ヘルマン・ハウザーと言えば、何といってもアンドレス・セゴヴィアが長年使っていた楽器です。 もちろんセゴヴィアが使っていたのはハウザーⅠですが、セゴヴィアの高弟で、私の師でもある松田晃演先生も、一時期ハウザーⅡを使用していました。 そして私もこハウザーⅢを使い始めて30年近くになります。

 この流れからすると、私の生徒さんの誰かはハウザーⅣを使うことになるのかな? 今のところそんな生徒さんはいなそうですが。

 私の場合、特にハウザー党というわけではなかったのですが、一時期、楽器に迷ったことがあり、何だかんだと、この楽器にゆきついてからは、他の楽器に目移りもせず、ずっとこの楽器を使っています。 時にはもっと別の楽器がいいかなと思うことがあっても、結局のところ、やはりこの楽器の方が自分のイメージを最も忠実に反映してくれるように思い、買い替える気にはなりませんでした。
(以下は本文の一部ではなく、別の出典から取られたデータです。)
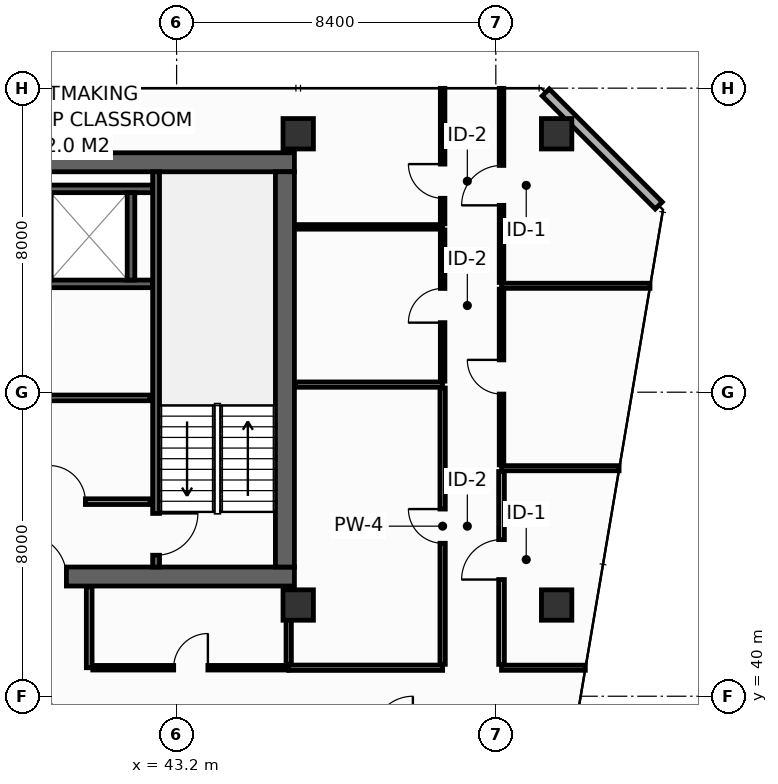
"""IFC4 building model, lengths in metres.
Left out: names, types, materials, properties, quantities, classifications, styles, units other than length and angle.
Written with IfcOpenShell. Run it as: python <this file> out.ifc"""

import sys

from ifc_helpers import new_model, si_unit, direction, frame, frame_2d, origin, origin_2d, place, context, subcontext, project, spatial, rectangle, hollow_rectangle, extrude, element, fill, save


model = new_model("IFC4")
c1 = context("Model", 3, precision=1e-05, world=origin(), true_north=direction((0.0, 1.0)))
c2 = subcontext(c1, "Body", "Model", "MODEL_VIEW")
j1 = project(units=[si_unit("LENGTHUNIT", "METRE"), si_unit("PLANEANGLEUNIT", "RADIAN")], contexts=[c1])
p1 = place(None, origin())
s1 = spatial("IfcSite", under=j1, at=p1, CompositionType="ELEMENT")
p2 = place(p1, origin())
s2 = spatial("IfcBuilding", under=s1, at=p2, CompositionType="ELEMENT")
p3 = place(p2, frame((0.0, 0.0, 217.0)))
s3 = spatial("IfcBuildingStorey", under=s2, at=p3, CompositionType="ELEMENT", Elevation=217.0)
p4 = place(p3, frame((13.6, 43.15, 0.0), z_axis=(0.0, 0.0, 1.0), x_axis=(1.0, 0.0, 0.0)))
e1 = element("IfcWall", 1, at=p4, inside=s3, PredefinedType="SHEAR", context=c2, shape_type="SweptSolid", body=[
    extrude(rectangle(XDim=32.7, YDim=0.5, at=frame_2d((16.35, 0.0))), origin(), (0.0, 0.0, 1.0), 3.55),
])
p5 = place(p4, frame((5.4, 0.0, 0.0)))
e2 = element("IfcOpeningElement", 2, at=p5, cuts=e1, PredefinedType="OPENING", context=c2, shape_type="SweptSolid", body=[
    extrude(rectangle(XDim=1.1, YDim=2.15, at=frame_2d((0.55, 1.075))), frame((0.0, 0.26, 0.0), z_axis=(0.0, -1.0, 0.0), x_axis=(1.0, 0.0, 0.0)), (0.0, 0.0, 1.0), 0.52),
])
p6 = place(p4, frame((25.6, 0.0, 0.0)))
e3 = element("IfcOpeningElement", 3, at=p6, cuts=e1, PredefinedType="OPENING", context=c2, shape_type="SweptSolid", body=[
    extrude(rectangle(XDim=1.1, YDim=2.15, at=frame_2d((0.55, 1.075))), frame((0.0, 0.26, 0.0), z_axis=(0.0, -1.0, 0.0), x_axis=(1.0, 0.0, 0.0)), (0.0, 0.0, 1.0), 0.52),
])
p7 = place(p3, frame((13.6, 54.05, 0.0), z_axis=(0.0, 0.0, 1.0), x_axis=(1.0, 0.0, 0.0)))
e4 = element("IfcWall", 4, at=p7, inside=s3, PredefinedType="SHEAR", context=c2, shape_type="SweptSolid", body=[
    extrude(rectangle(XDim=32.7, YDim=0.5, at=frame_2d((16.35, 0.0))), origin(), (0.0, 0.0, 1.0), 3.55),
])
p8 = place(p3, frame((46.05, 43.4, 0.0), z_axis=(0.0, 0.0, 1.0), x_axis=(0.0, 1.0, 0.0)))
e5 = element("IfcWall", 5, at=p8, inside=s3, PredefinedType="SHEAR", context=c2, shape_type="SweptSolid", body=[
    extrude(rectangle(XDim=10.4, YDim=0.5, at=frame_2d((5.2, 0.0))), origin(), (0.0, 0.0, 1.0), 3.55),
])
for number, where, z_axis, x_axis in (
    (6, (46.4, 54.8, 0.0), (0.0, 0.0, 1.0), (1.0, 0.0, 0.0)),
    (7, (53.2, 54.8, 0.0), (0.0, 0.0, 1.0), (1.0, 0.0, 0.0)),
    (8, (46.4, 42.4, 0.0), (0.0, 0.0, 1.0), (1.0, 0.0, 0.0)),
    (9, (53.2, 42.4, 0.0), (0.0, 0.0, 1.0), (1.0, 0.0, 0.0)),
):
    element("IfcColumn", number, at=place(p3, frame(where, z_axis=z_axis, x_axis=x_axis)), inside=s3, PredefinedType="COLUMN", context=c2, shape_type="SweptSolid", body=[
        extrude(hollow_rectangle(XDim=0.8, YDim=0.8, WallThickness=0.036, at=origin_2d()), origin(), (0.0, 0.0, 1.0), 3.8),
    ])
for number, where, z_axis, x_axis in (
    (10, (39.525, 50.85, 0.0), (0.0, 0.0, 1.0), (1.0, 0.0, 0.0)),
    (11, (39.525, 53.35, 0.0), (0.0, 0.0, 1.0), (1.0, 0.0, 0.0)),
):
    element("IfcWall", number, at=place(p3, frame(where, z_axis=z_axis, x_axis=x_axis)), inside=s3, PredefinedType="SHEAR", context=c2, shape_type="SweptSolid", body=[
        extrude(rectangle(XDim=3.045, YDim=0.2, at=frame_2d((1.522, 0.0))), origin(), (0.0, 0.0, 1.0), 3.55),
    ])
p9 = place(p3, frame((42.0, 50.95, 0.0), z_axis=(0.0, 0.0, 1.0), x_axis=(0.0, 1.0, 0.0)))
e12 = element("IfcWall", 12, at=p9, inside=s3, PredefinedType="SHEAR", context=c2, shape_type="SweptSolid", body=[
    extrude(rectangle(XDim=2.3, YDim=0.2, at=frame_2d((1.15, 0.0))), origin(), (0.0, 0.0, 1.0), 3.55),
])
p10 = place(p3, frame((42.66, 53.8, 0.0), z_axis=(0.0, 0.0, 1.0), x_axis=(0.0, -1.0, 0.0)))
e13 = element("IfcWall", 13, at=p10, inside=s3, PredefinedType="SHEAR", context=c2, shape_type="SweptSolid", body=[
    extrude(rectangle(XDim=10.4, YDim=0.18, at=frame_2d((5.2, 0.0))), origin(), (0.0, 0.0, 1.0), 3.55),
])
p11 = place(p10, frame((8.99, 0.0, 0.0)))
e14 = element("IfcOpeningElement", 14, at=p11, cuts=e13, PredefinedType="OPENING", context=c2, shape_type="SweptSolid", body=[
    extrude(rectangle(XDim=1.1, YDim=2.15, at=frame_2d((0.55, 1.075))), frame((0.0, 0.1, 0.0), z_axis=(0.0, -1.0, 0.0), x_axis=(1.0, 0.0, 0.0)), (0.0, 0.0, 1.0), 0.2),
])
p12 = place(p3, frame((34.05, 45.12, 0.0), z_axis=(0.0, 0.0, 1.0), x_axis=(1.0, 0.0, 0.0)))
e15 = element("IfcWall", 15, at=p12, inside=s3, PredefinedType="PARTITIONING", context=c2, shape_type="SweptSolid", body=[
    extrude(rectangle(XDim=8.45, YDim=0.15, at=frame_2d((4.225, 0.0))), origin(), (0.0, 0.0, 1.0), 3.55),
])
p13 = place(p12, frame((1.5, 0.0, 0.0)))
e16 = element("IfcOpeningElement", 16, at=p13, cuts=e15, PredefinedType="OPENING", context=c2, shape_type="SweptSolid", body=[
    extrude(rectangle(XDim=0.95, YDim=2.15, at=frame_2d((0.475, 1.075))), frame((0.0, 0.085, 0.0), z_axis=(0.0, -1.0, 0.0), x_axis=(1.0, 0.0, 0.0)), (0.0, 0.0, 1.0), 0.17),
])
p14 = place(p12, frame((5.8, 0.0, 0.0)))
e17 = element("IfcOpeningElement", 17, at=p14, cuts=e15, PredefinedType="OPENING", context=c2, shape_type="SweptSolid", body=[
    extrude(rectangle(XDim=0.95, YDim=2.15, at=frame_2d((0.475, 1.075))), frame((0.0, 0.085, 0.0), z_axis=(0.0, -1.0, 0.0), x_axis=(1.0, 0.0, 0.0)), (0.0, 0.0, 1.0), 0.17),
])
p15 = place(p3, frame((34.05, 47.85, 0.0), z_axis=(0.0, 0.0, 1.0), x_axis=(1.0, 0.0, 0.0)))
e18 = element("IfcWall", 18, at=p15, inside=s3, PredefinedType="PARTITIONING", context=c2, shape_type="SweptSolid", body=[
    extrude(rectangle(XDim=8.45, YDim=0.15, at=frame_2d((4.225, 0.0))), origin(), (0.0, 0.0, 1.0), 3.55),
])
p16 = place(p3, frame((55.887, 52.913, 0.0), z_axis=(0.0, 0.0, 1.0), x_axis=(-0.707106781187, 0.707106781187, 0.0)))
e19 = element("IfcWall", 19, at=p16, inside=s3, PredefinedType="STANDARD", context=c2, shape_type="SweptSolid", body=[
    extrude(rectangle(XDim=4.206, YDim=0.26, at=frame_2d((2.103, 0.0))), origin(), (0.0, 0.0, 1.0), 3.55),
])
p17 = place(p3, frame((46.15, 40.75, 0.0), z_axis=(0.0, 0.0, 1.0), x_axis=(1.0, 0.0, 0.0)))
e20 = element("IfcWall", 20, at=p17, inside=s3, PredefinedType="PARTITIONING", context=c2, shape_type="SweptSolid", body=[
    extrude(rectangle(XDim=4.05, YDim=0.14, at=frame_2d((2.025, 0.0))), origin(), (0.0, 0.0, 1.0), 3.55),
])
p18 = place(p3, frame((46.15, 40.84, 0.0), z_axis=(0.0, 0.0, 1.0), x_axis=(0.0, 1.0, 0.0)))
e21 = element("IfcWall", 21, at=p18, inside=s3, PredefinedType="PARTITIONING", context=c2, shape_type="SweptSolid", body=[
    extrude(rectangle(XDim=2.04, YDim=0.14, at=frame_2d((1.02, 0.0))), origin(), (0.0, 0.0, 1.0), 3.55),
])
p19 = place(p3, frame((46.32, 48.2, 0.0), z_axis=(0.0, 0.0, 1.0), x_axis=(1.0, 0.0, 0.0)))
e22 = element("IfcWall", 22, at=p19, inside=s3, PredefinedType="PARTITIONING", context=c2, shape_type="SweptSolid", body=[
    extrude(rectangle(XDim=3.88, YDim=0.14, at=frame_2d((1.94, 0.0))), origin(), (0.0, 0.0, 1.0), 3.55),
])
p20 = place(p3, frame((50.2, 40.84, 0.0), z_axis=(0.0, 0.0, 1.0), x_axis=(0.0, 1.0, 0.0)))
e23 = element("IfcWall", 23, at=p20, inside=s3, PredefinedType="PARTITIONING", context=c2, shape_type="SweptSolid", body=[
    extrude(rectangle(XDim=7.27, YDim=0.14, at=frame_2d((3.635, 0.0))), origin(), (0.0, 0.0, 1.0), 2.835),
])
p21 = place(p20, frame((3.185, 0.0, 0.0)))
e24 = element("IfcOpeningElement", 24, at=p21, cuts=e23, PredefinedType="OPENING", context=c2, shape_type="SweptSolid", body=[
    extrude(rectangle(XDim=0.9, YDim=2.1, at=frame_2d((0.45, 1.05))), frame((0.0, 0.08, 0.0), z_axis=(0.0, -1.0, 0.0), x_axis=(1.0, 0.0, 0.0)), (0.0, 0.0, 1.0), 0.16),
])
p22 = place(p3, frame((46.32, 52.35, 0.0), z_axis=(0.0, 0.0, 1.0), x_axis=(1.0, 0.0, 0.0)))
e25 = element("IfcWall", 25, at=p22, inside=s3, PredefinedType="PARTITIONING", context=c2, shape_type="SweptSolid", body=[
    extrude(rectangle(XDim=3.88, YDim=0.12, at=frame_2d((1.94, 0.0))), origin(), (0.0, 0.0, 1.0), 3.55),
])
p23 = place(p3, frame((50.2, 48.29, 0.0), z_axis=(0.0, 0.0, 1.0), x_axis=(0.0, 1.0, 0.0)))
e26 = element("IfcWall", 26, at=p23, inside=s3, PredefinedType="PARTITIONING", context=c2, shape_type="SweptSolid", body=[
    extrude(rectangle(XDim=3.98, YDim=0.12, at=frame_2d((1.99, 0.0))), origin(), (0.0, 0.0, 1.0), 3.55),
])
p24 = place(p23, frame((1.54, 0.0, 0.0)))
e27 = element("IfcOpeningElement", 27, at=p24, cuts=e26, PredefinedType="OPENING", context=c2, shape_type="SweptSolid", body=[
    extrude(rectangle(XDim=0.9, YDim=2.1, at=frame_2d((0.45, 1.05))), frame((0.0, 0.07, 0.0), z_axis=(0.0, -1.0, 0.0), x_axis=(1.0, 0.0, 0.0)), (0.0, 0.0, 1.0), 0.14),
])
p25 = place(p3, frame((50.2, 52.43, 0.0), z_axis=(0.0, 0.0, 1.0), x_axis=(0.0, 1.0, 0.0)))
e28 = element("IfcWall", 28, at=p25, inside=s3, PredefinedType="PARTITIONING", context=c2, shape_type="SweptSolid", body=[
    extrude(rectangle(XDim=3.565, YDim=0.12, at=frame_2d((1.783, 0.0))), origin(), (0.0, 0.0, 1.0), 2.935),
])
p26 = place(p25, frame((0.672, 0.0, 0.0)))
e29 = element("IfcOpeningElement", 29, at=p26, cuts=e28, PredefinedType="OPENING", context=c2, shape_type="SweptSolid", body=[
    extrude(rectangle(XDim=0.9, YDim=2.1, at=frame_2d((0.45, 1.05))), frame((0.0, 0.07, 0.0), z_axis=(0.0, -1.0, 0.0), x_axis=(1.0, 0.0, 0.0)), (0.0, 0.0, 1.0), 0.14),
])
p27 = place(p3, frame((51.75, 40.75, 0.0), z_axis=(0.0, 0.0, 1.0), x_axis=(1.0, 0.0, 0.0)))
e30 = element("IfcWall", 30, at=p27, inside=s3, PredefinedType="PARTITIONING", context=c2, shape_type="SweptSolid", body=[
    extrude(rectangle(XDim=2.205, YDim=0.135, at=frame_2d((1.103, 0.0))), origin(), (0.0, 0.0, 1.0), 3.035),
])
p28 = place(p3, frame((51.75, 46.0, 0.0), z_axis=(0.0, 0.0, 1.0), x_axis=(1.0, 0.0, 0.0)))
e31 = element("IfcWall", 31, at=p28, inside=s3, PredefinedType="PARTITIONING", context=c2, shape_type="SweptSolid", body=[
    extrude(rectangle(XDim=3.094, YDim=0.135, at=frame_2d((1.547, 0.0))), origin(), (0.0, 0.0, 1.0), 2.835),
])
p29 = place(p3, frame((51.75, 50.8, 0.0), z_axis=(0.0, 0.0, 1.0), x_axis=(1.0, 0.0, 0.0)))
e32 = element("IfcWall", 32, at=p29, inside=s3, PredefinedType="PARTITIONING", context=c2, shape_type="SweptSolid", body=[
    extrude(rectangle(XDim=3.906, YDim=0.135, at=frame_2d((1.953, 0.0))), origin(), (0.0, 0.0, 1.0), 2.835),
])
p30 = place(p3, frame((51.75, 40.837, 0.0), z_axis=(0.0, 0.0, 1.0), x_axis=(0.0, 1.0, 0.0)))
e33 = element("IfcWall", 33, at=p30, inside=s3, PredefinedType="PARTITIONING", context=c2, shape_type="SweptSolid", body=[
    extrude(rectangle(XDim=5.075, YDim=0.15, at=frame_2d((2.538, 0.0))), origin(), (0.0, 0.0, 1.0), 2.835),
])
p31 = place(p30, frame((2.233, 0.0, 0.0)))
e34 = element("IfcOpeningElement", 34, at=p31, cuts=e33, PredefinedType="OPENING", context=c2, shape_type="SweptSolid", body=[
    extrude(rectangle(XDim=1.05, YDim=2.15, at=frame_2d((0.525, 1.075))), frame((0.0, 0.085, 0.0), z_axis=(0.0, -1.0, 0.0), x_axis=(1.0, 0.0, 0.0)), (0.0, 0.0, 1.0), 0.17),
])
p32 = place(p3, frame((51.75, 46.087, 0.0), z_axis=(0.0, 0.0, 1.0), x_axis=(0.0, 1.0, 0.0)))
e35 = element("IfcWall", 35, at=p32, inside=s3, PredefinedType="PARTITIONING", context=c2, shape_type="SweptSolid", body=[
    extrude(rectangle(XDim=4.625, YDim=0.12, at=frame_2d((2.312, 0.0))), origin(), (0.0, 0.0, 1.0), 3.55),
])
p33 = place(p32, frame((1.863, 0.0, 0.0)))
e36 = element("IfcOpeningElement", 36, at=p33, cuts=e35, PredefinedType="OPENING", context=c2, shape_type="SweptSolid", body=[
    extrude(rectangle(XDim=0.9, YDim=2.1, at=frame_2d((0.45, 1.05))), frame((0.0, 0.07, 0.0), z_axis=(0.0, -1.0, 0.0), x_axis=(1.0, 0.0, 0.0)), (0.0, 0.0, 1.0), 0.14),
])
p34 = place(p3, frame((51.75, 50.887, 0.0), z_axis=(0.0, 0.0, 1.0), x_axis=(0.0, 1.0, 0.0)))
e37 = element("IfcWall", 37, at=p34, inside=s3, PredefinedType="PARTITIONING", context=c2, shape_type="SweptSolid", body=[
    extrude(rectangle(XDim=5.108, YDim=0.12, at=frame_2d((2.554, 0.0))), origin(), (0.0, 0.0, 1.0), 2.935),
])
p35 = place(p34, frame((2.029, 0.0, 0.0)))
e38 = element("IfcOpeningElement", 38, at=p35, cuts=e37, PredefinedType="OPENING", context=c2, shape_type="SweptSolid", body=[
    extrude(rectangle(XDim=1.05, YDim=2.15, at=frame_2d((0.525, 1.075))), frame((0.0, 0.07, 0.0), z_axis=(0.0, -1.0, 0.0), x_axis=(1.0, 0.0, 0.0)), (0.0, 0.0, 1.0), 0.14),
])
p36 = place(p3, frame((40.9, 40.75, 0.0), z_axis=(0.0, 0.0, 1.0), x_axis=(0.0, 1.0, 0.0)))
e39 = element("IfcWall", 39, at=p36, inside=s3, PredefinedType="PARTITIONING", context=c2, shape_type="SweptSolid", body=[
    extrude(rectangle(XDim=2.13, YDim=0.15, at=frame_2d((1.065, 0.0))), origin(), (0.0, 0.0, 1.0), 3.55),
])
p37 = place(p3, frame((40.995, 40.75, 0.0), z_axis=(0.0, 0.0, 1.0), x_axis=(1.0, 0.0, 0.0)))
e40 = element("IfcWall", 40, at=p37, inside=s3, PredefinedType="PARTITIONING", context=c2, shape_type="SweptSolid", body=[
    extrude(rectangle(XDim=5.155, YDim=0.12, at=frame_2d((2.577, 0.0))), origin(), (0.0, 0.0, 1.0), 3.55),
])
p38 = place(p37, frame((2.128, 0.0, 0.0)))
e41 = element("IfcOpeningElement", 41, at=p38, cuts=e40, PredefinedType="OPENING", context=c2, shape_type="SweptSolid", body=[
    extrude(rectangle(XDim=0.9, YDim=2.1, at=frame_2d((0.45, 1.05))), frame((0.0, 0.07, 0.0), z_axis=(0.0, -1.0, 0.0), x_axis=(1.0, 0.0, 0.0)), (0.0, 0.0, 1.0), 0.14),
])
p39 = place(p11, origin())
e42 = element("IfcDoor", 42, at=p39, inside=s3, OperationType="SINGLE_SWING_LEFT", PredefinedType="DOOR", context=c2, shape_type="SweptSolid", body=[
    extrude(rectangle(XDim=1.1, YDim=2.15, at=frame_2d((0.55, 1.075))), frame((0.0, 0.025, 0.0), z_axis=(0.0, -1.0, 0.0), x_axis=(1.0, 0.0, 0.0)), (0.0, 0.0, 1.0), 0.05),
])
fill(e14, e42)
p40 = place(p6, origin())
e43 = element("IfcDoor", 43, at=p40, inside=s3, OperationType="SINGLE_SWING_LEFT", PredefinedType="DOOR", context=c2, shape_type="SweptSolid", body=[
    extrude(rectangle(XDim=1.1, YDim=2.15, at=frame_2d((0.55, 1.075))), frame((0.0, 0.025, 0.0), z_axis=(0.0, -1.0, 0.0), x_axis=(1.0, 0.0, 0.0)), (0.0, 0.0, 1.0), 0.05),
])
fill(e3, e43)
p41 = place(p14, origin())
e44 = element("IfcDoor", 44, at=p41, inside=s3, OperationType="SINGLE_SWING_LEFT", PredefinedType="DOOR", context=c2, shape_type="SweptSolid", body=[
    extrude(rectangle(XDim=0.95, YDim=2.15, at=frame_2d((0.475, 1.075))), frame((0.0, 0.025, 0.0), z_axis=(0.0, -1.0, 0.0), x_axis=(1.0, 0.0, 0.0)), (0.0, 0.0, 1.0), 0.05),
])
fill(e17, e44)
p42 = place(p21, origin())
e45 = element("IfcDoor", 45, at=p42, inside=s3, OperationType="SINGLE_SWING_RIGHT", PredefinedType="DOOR", context=c2, shape_type="SweptSolid", body=[
    extrude(rectangle(XDim=0.9, YDim=2.1, at=frame_2d((0.45, 1.05))), frame((0.0, 0.025, 0.0), z_axis=(0.0, -1.0, 0.0), x_axis=(1.0, 0.0, 0.0)), (0.0, 0.0, 1.0), 0.05),
])
fill(e24, e45)
p43 = place(p24, origin())
e46 = element("IfcDoor", 46, at=p43, inside=s3, OperationType="SINGLE_SWING_LEFT", PredefinedType="DOOR", context=c2, shape_type="SweptSolid", body=[
    extrude(rectangle(XDim=0.9, YDim=2.1, at=frame_2d((0.45, 1.05))), frame((0.0, 0.025, 0.0), z_axis=(0.0, -1.0, 0.0), x_axis=(1.0, 0.0, 0.0)), (0.0, 0.0, 1.0), 0.05),
])
fill(e27, e46)
p44 = place(p26, origin())
e47 = element("IfcDoor", 47, at=p44, inside=s3, OperationType="SINGLE_SWING_RIGHT", PredefinedType="DOOR", context=c2, shape_type="SweptSolid", body=[
    extrude(rectangle(XDim=0.9, YDim=2.1, at=frame_2d((0.45, 1.05))), frame((0.0, 0.025, 0.0), z_axis=(0.0, -1.0, 0.0), x_axis=(1.0, 0.0, 0.0)), (0.0, 0.0, 1.0), 0.05),
])
fill(e29, e47)
p45 = place(p31, origin())
e48 = element("IfcDoor", 48, at=p45, inside=s3, OperationType="SINGLE_SWING_LEFT", PredefinedType="DOOR", context=c2, shape_type="SweptSolid", body=[
    extrude(rectangle(XDim=1.05, YDim=2.15, at=frame_2d((0.525, 1.075))), frame((0.0, 0.025, 0.0), z_axis=(0.0, -1.0, 0.0), x_axis=(1.0, 0.0, 0.0)), (0.0, 0.0, 1.0), 0.05),
])
fill(e34, e48)
p46 = place(p33, origin())
e49 = element("IfcDoor", 49, at=p46, inside=s3, OperationType="SINGLE_SWING_RIGHT", PredefinedType="DOOR", context=c2, shape_type="SweptSolid", body=[
    extrude(rectangle(XDim=0.9, YDim=2.1, at=frame_2d((0.45, 1.05))), frame((0.0, 0.025, 0.0), z_axis=(0.0, -1.0, 0.0), x_axis=(1.0, 0.0, 0.0)), (0.0, 0.0, 1.0), 0.05),
])
fill(e36, e49)
p47 = place(p35, origin())
e50 = element("IfcDoor", 50, at=p47, inside=s3, OperationType="SINGLE_SWING_LEFT", PredefinedType="DOOR", context=c2, shape_type="SweptSolid", body=[
    extrude(rectangle(XDim=1.05, YDim=2.15, at=frame_2d((0.525, 1.075))), frame((0.0, 0.025, 0.0), z_axis=(0.0, -1.0, 0.0), x_axis=(1.0, 0.0, 0.0)), (0.0, 0.0, 1.0), 0.05),
])
fill(e38, e50)
p48 = place(p38, origin())
e51 = element("IfcDoor", 51, at=p48, inside=s3, OperationType="SINGLE_SWING_RIGHT", PredefinedType="DOOR", context=c2, shape_type="SweptSolid", body=[
    extrude(rectangle(XDim=0.9, YDim=2.1, at=frame_2d((0.45, 1.05))), frame((0.0, 0.025, 0.0), z_axis=(0.0, -1.0, 0.0), x_axis=(1.0, 0.0, 0.0)), (0.0, 0.0, 1.0), 0.05),
])
fill(e41, e51)
save(model, sys.argv[1])

 几帳面で、若干性格の ”きつい” ところもあるが、私の気持ちなどは、他の誰よりもわかってくれる奥さん   ・・・・・・・なんてところでしょうか (現実の家内は、全くそう言うタイプではありません、因みに)。



やや硬めだが、遠くまで音が届く

 このハウザーは他のハウザーに比べ、高音が良くでるのですが、その分、音色がちょっと硬めで、しっとり感はあまりありません。 低音もよく出ますが、ちょっと軽めで、重厚とか、拡がる感じはありません。 

 最も特徴的なのは、中音、つまり1~3弦のロー・ポジションがよく出るところでしょうか。 他に私が使っているポール・ジェイコブスンなどに比べると、特に音量が大きいという訳ではありませんが、音が硬質な関係で、音が遠くにまで伝わりやすいようです。 ホールなどの後ろの方で聴くと、ジェイコブスンより、このハウザーの方がよく聴こえます。



実力さえあれば、たいへん美しい音が出る

 音色が固め、ということは音がクリヤーとも言え、解像度は高いのですが、柔らかく、美しい音を出すのはなかなか難しい楽器です。 しかし技術が高ければ、確かに美しい音が出ます。 この楽器は創(はじめ=長男)も、小学生の頃使っていたこともありましたが、その頃はなかなかよい音は出せませんでした。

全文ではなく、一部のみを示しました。